Youth is the best gift of the gods, says an old Upanishad. Let us rejoice in it while we have it. It is the great formative period of our life, brief but powerful. We’ are then able to face the world with feelings pure and with ambitions unworldly. The bounds of our friendship, sympathy and fellow-feeling are not then set. We can push them as widely as we like until they encompass all that is worth knowing amongst our fellows. It is good to find a friend in a student born in a community widely removed from our own. To know him and through him to understand the feelings, hopes and even the prejudices that make him so dissimilar to us, is often a great experience. In acquiring it, we discover the human elements lying underneath all that, on casual examination, seemed so different and unintelligible. Through the mists of religious controversies and political antipathies, we discover points of contact and fellowship untouched by the infection of religious or social prejudices so powerful at a later age. Where religion divides, the common possession of youth and its generous instincts may unite, with its miraculous power of rooting itself deep in the affections of our companions. It is the difficulty of discovering the human element in our opponent’s life that constitutes the main obstacle at a later age. The contact is then absent, as also the generous spirit of sympathetic understanding. Our college life provides us with both in an ample measure. If we so wish it, we can pass out of college proud in the feeling that amongst our intimate friends we have a Muslim, a Hindu, a Christian or a Parsi, and that we can, on that account, instinctively appreciate and respect the discordant features that make them seem so different from us. One such friendship formed at college will save us in later life from the extremes of racial or communal antipathy which are always the result of ignorance and prejudice. Let us remember that, in all such matters, it is the first step that counts and that “one step in youth is worth ten in later years”. Once we break through such barriers in early years, we lay down the lines of character which, in later life, will assert itself as the guiding principle of our relations with our fellow men.

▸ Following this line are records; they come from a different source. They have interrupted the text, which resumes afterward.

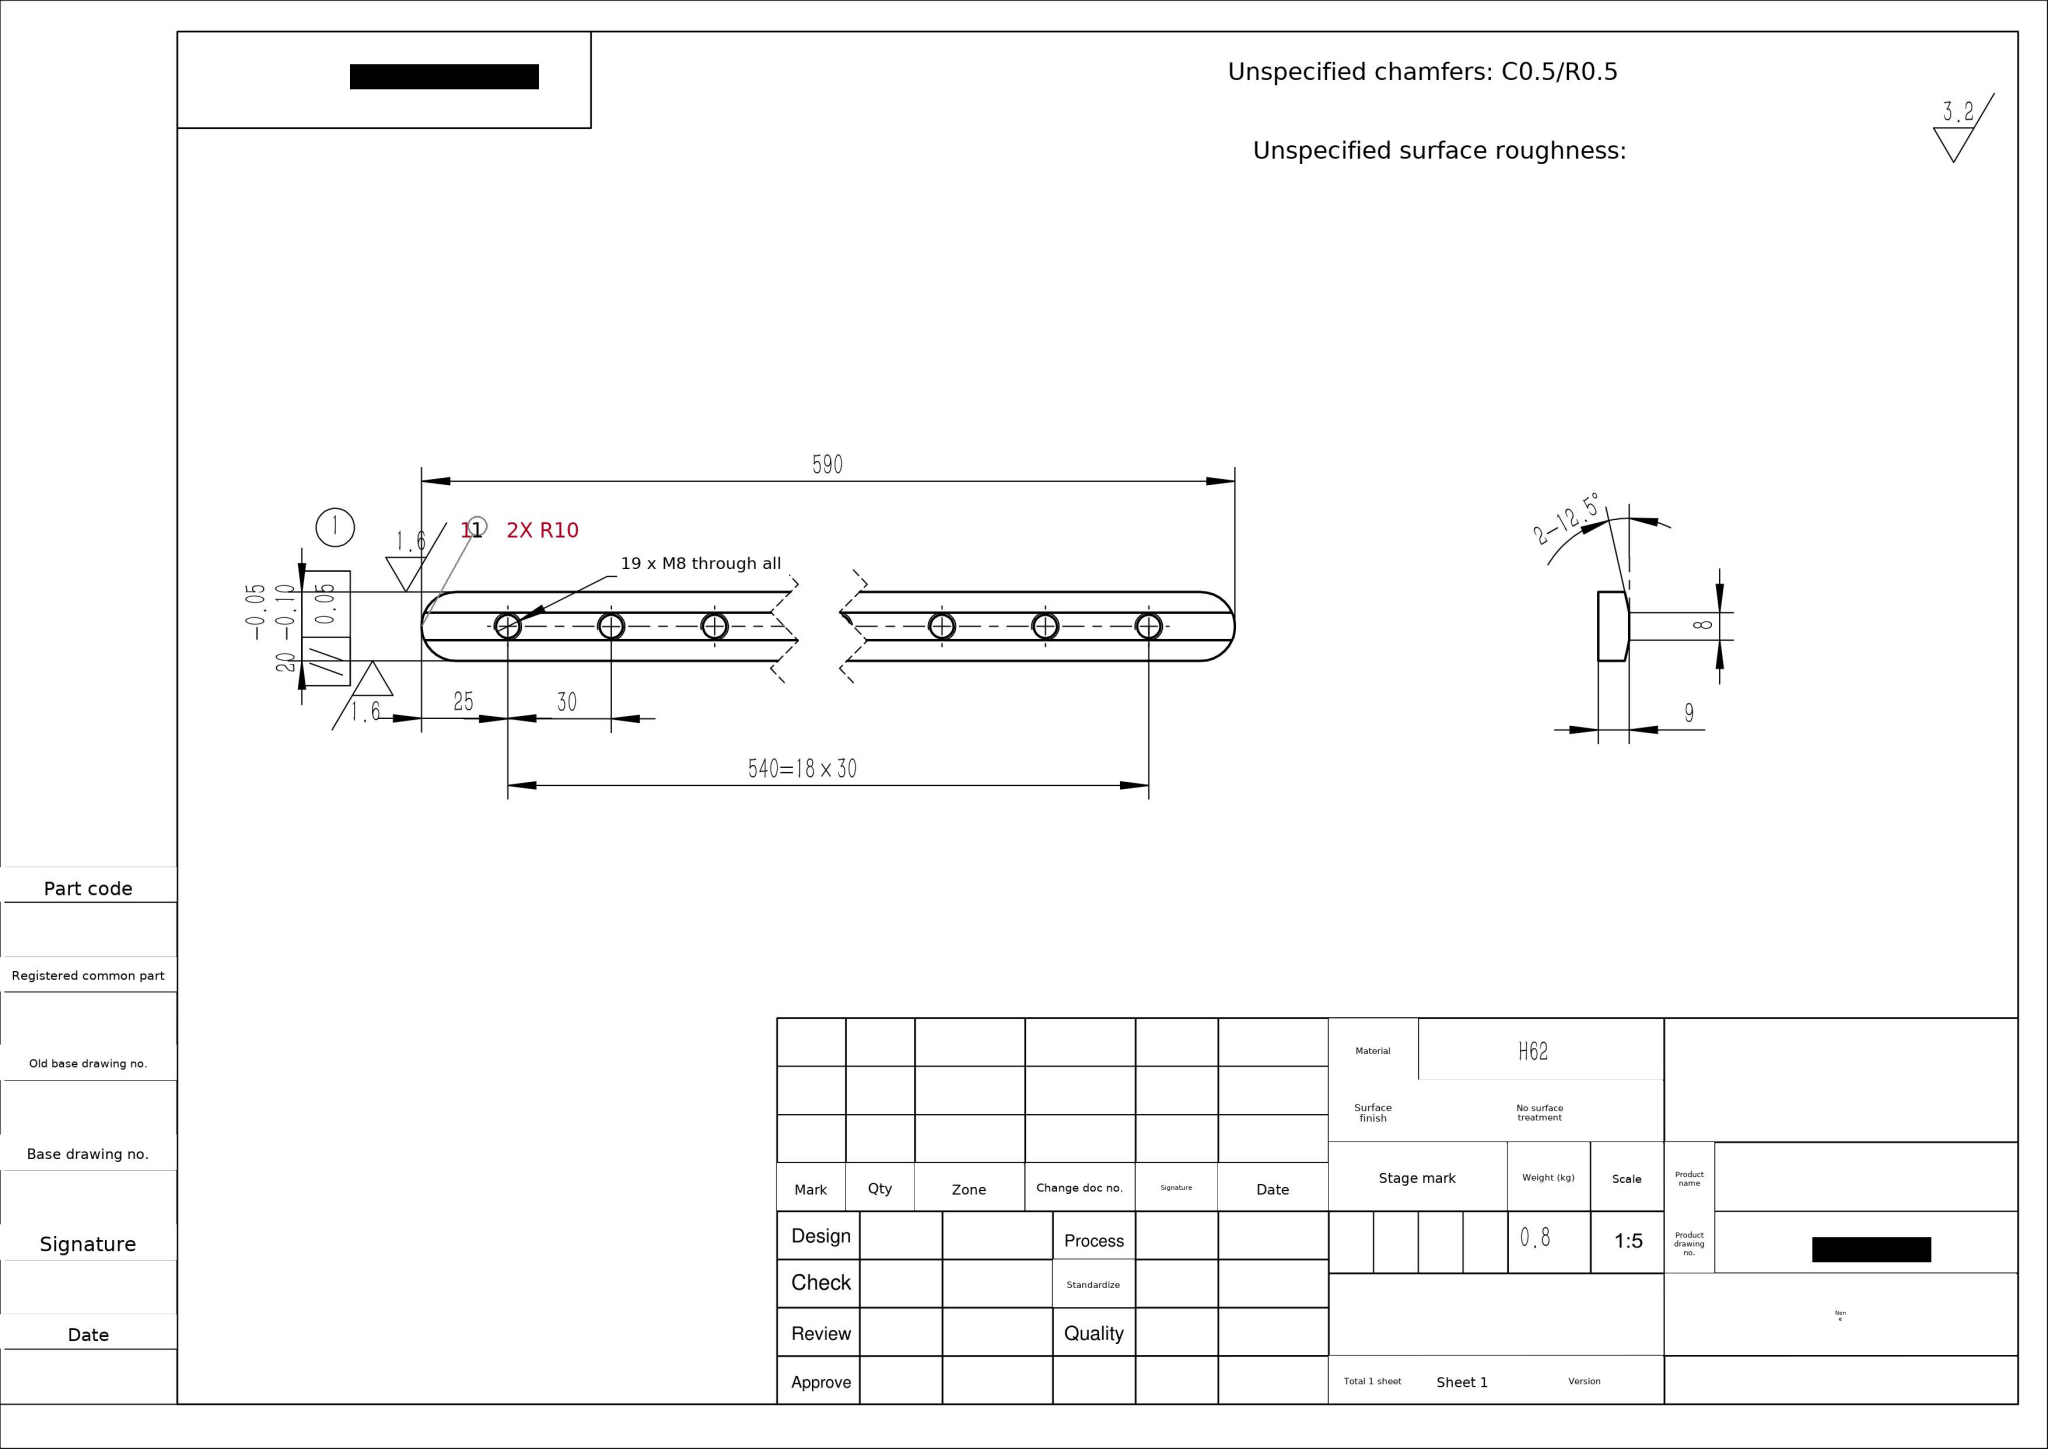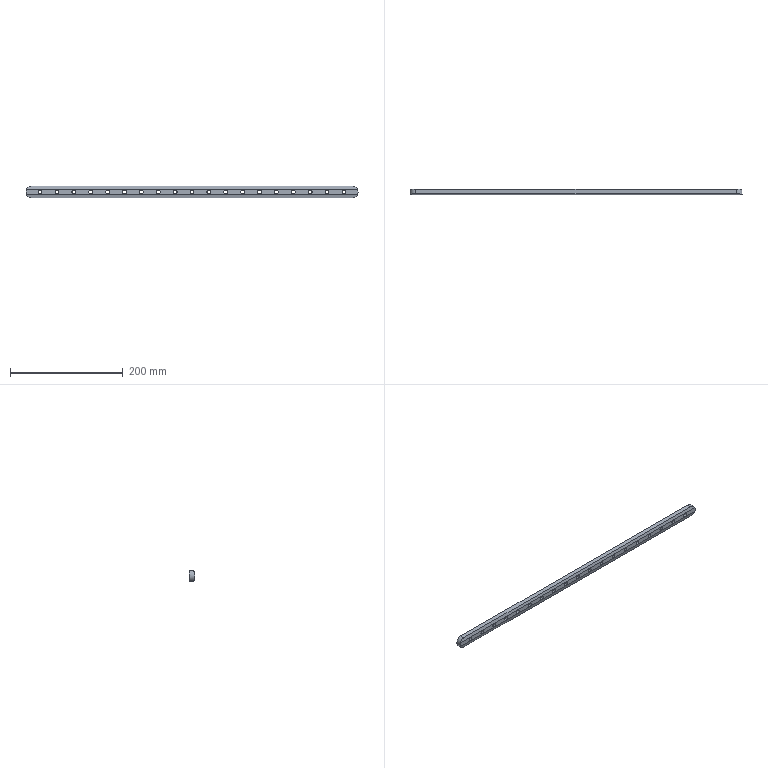Part | SolidWorks | mm | material H62 | 1 solid | 46 faces | box 590 x 9 x 20 mm | volume 94581 mm3 | cylinder 40 | plane 6 | commonest cylinder face diameters 6.8 x38 20 x2
build123d program:
from build123d import *

# Parameters (mm, degrees)
BOSS_EXTRUDE1_DEPTH = 9
M8_TAPPED_HOLE1_D   = 6.8
LPATTERN1_COUNT     = 19
LPATTERN1_PITCH     = 30
CUT_EXTRUDE1_START  = -200
CUT_EXTRUDE1_DEPTH  = 690.208


with BuildPart() as part:
    # Sketch1 → Boss-Extrude1 (new body)
    with BuildSketch(Plane(origin=(0, 0, 0), x_dir=(1, 0, 0), z_dir=(0, 1, 0))):
        with BuildLine():
            Line((-90.977, 10), (479.023, 10))
            ThreePointArc((479.023, 10), (489.023, 0), (479.023, -10))
            Line((479.023, -10), (-90.977, -10))
            ThreePointArc((-90.977, -10), (-100.977, 0), (-90.977, 10))
        make_face()
    extrude(amount=BOSS_EXTRUDE1_DEPTH)

    # M8 Tapped Hole1 (through all)
    with Locations(Plane(origin=(0, 9, 0), x_dir=(1, 0, 0), z_dir=(0, 1, 0))):
        with Locations((-75.977, 0)):
            m8_tapped_hole1 = Hole(M8_TAPPED_HOLE1_D / 2)

    # LPattern1: M8 Tapped Hole1 ×19
    with Locations(*[(i * LPATTERN1_PITCH, 0, 0) for i in range(1, LPATTERN1_COUNT)]):
        add(m8_tapped_hole1, mode=Mode.SUBTRACT)

    # Sketch4 → Cut-Extrude1 (cut, through all)
    with BuildSketch(Plane(origin=(0, 0, 0), x_dir=(0, 0, -1), z_dir=(1, 0, 0)).offset(CUT_EXTRUDE1_START)):
        Polygon((4, 0), (14, 0), (14, 2.217), align=None)
        Polygon((-14, 2.217), (-14, 0), (-4, 0), align=None)
    extrude(amount=CUT_EXTRUDE1_DEPTH, mode=Mode.SUBTRACT)


solid = part.part

I cannot do better than conclude this address by quoting the wise words of a great seer, one of the composers of a Vedic hymn centuries ago. Enshrined in it is immortal wisdom reflected in the ideal of corporate educational life, as conceived in ancient India. We must not imagine that such corporate life was unknown in ancient India. We have had, time after time, especially in the recent excavations of old ruins, increasing evidence of the existence of Universities and seminaries of learning, where from 2000 to 10,000 students assembled and carried on their search for truth. This is no place for going further into this interesting branch of study. It is sufficient to say that the extract I am quoting is from what was a Convocation address of those days delivered to students who had finished their long course of instruction. Before their departure home, they met in conclave with their fellows, and were addressed by the head of the Institution. There is a great deal in this address which, though centuries old, is of perennial importance :
“Meet together, talk together; may your minds comprehend alike; common be your action and achievement; common be your thoughts and intentions; common be the wishes of your hearts; so there may be thorough union among you.”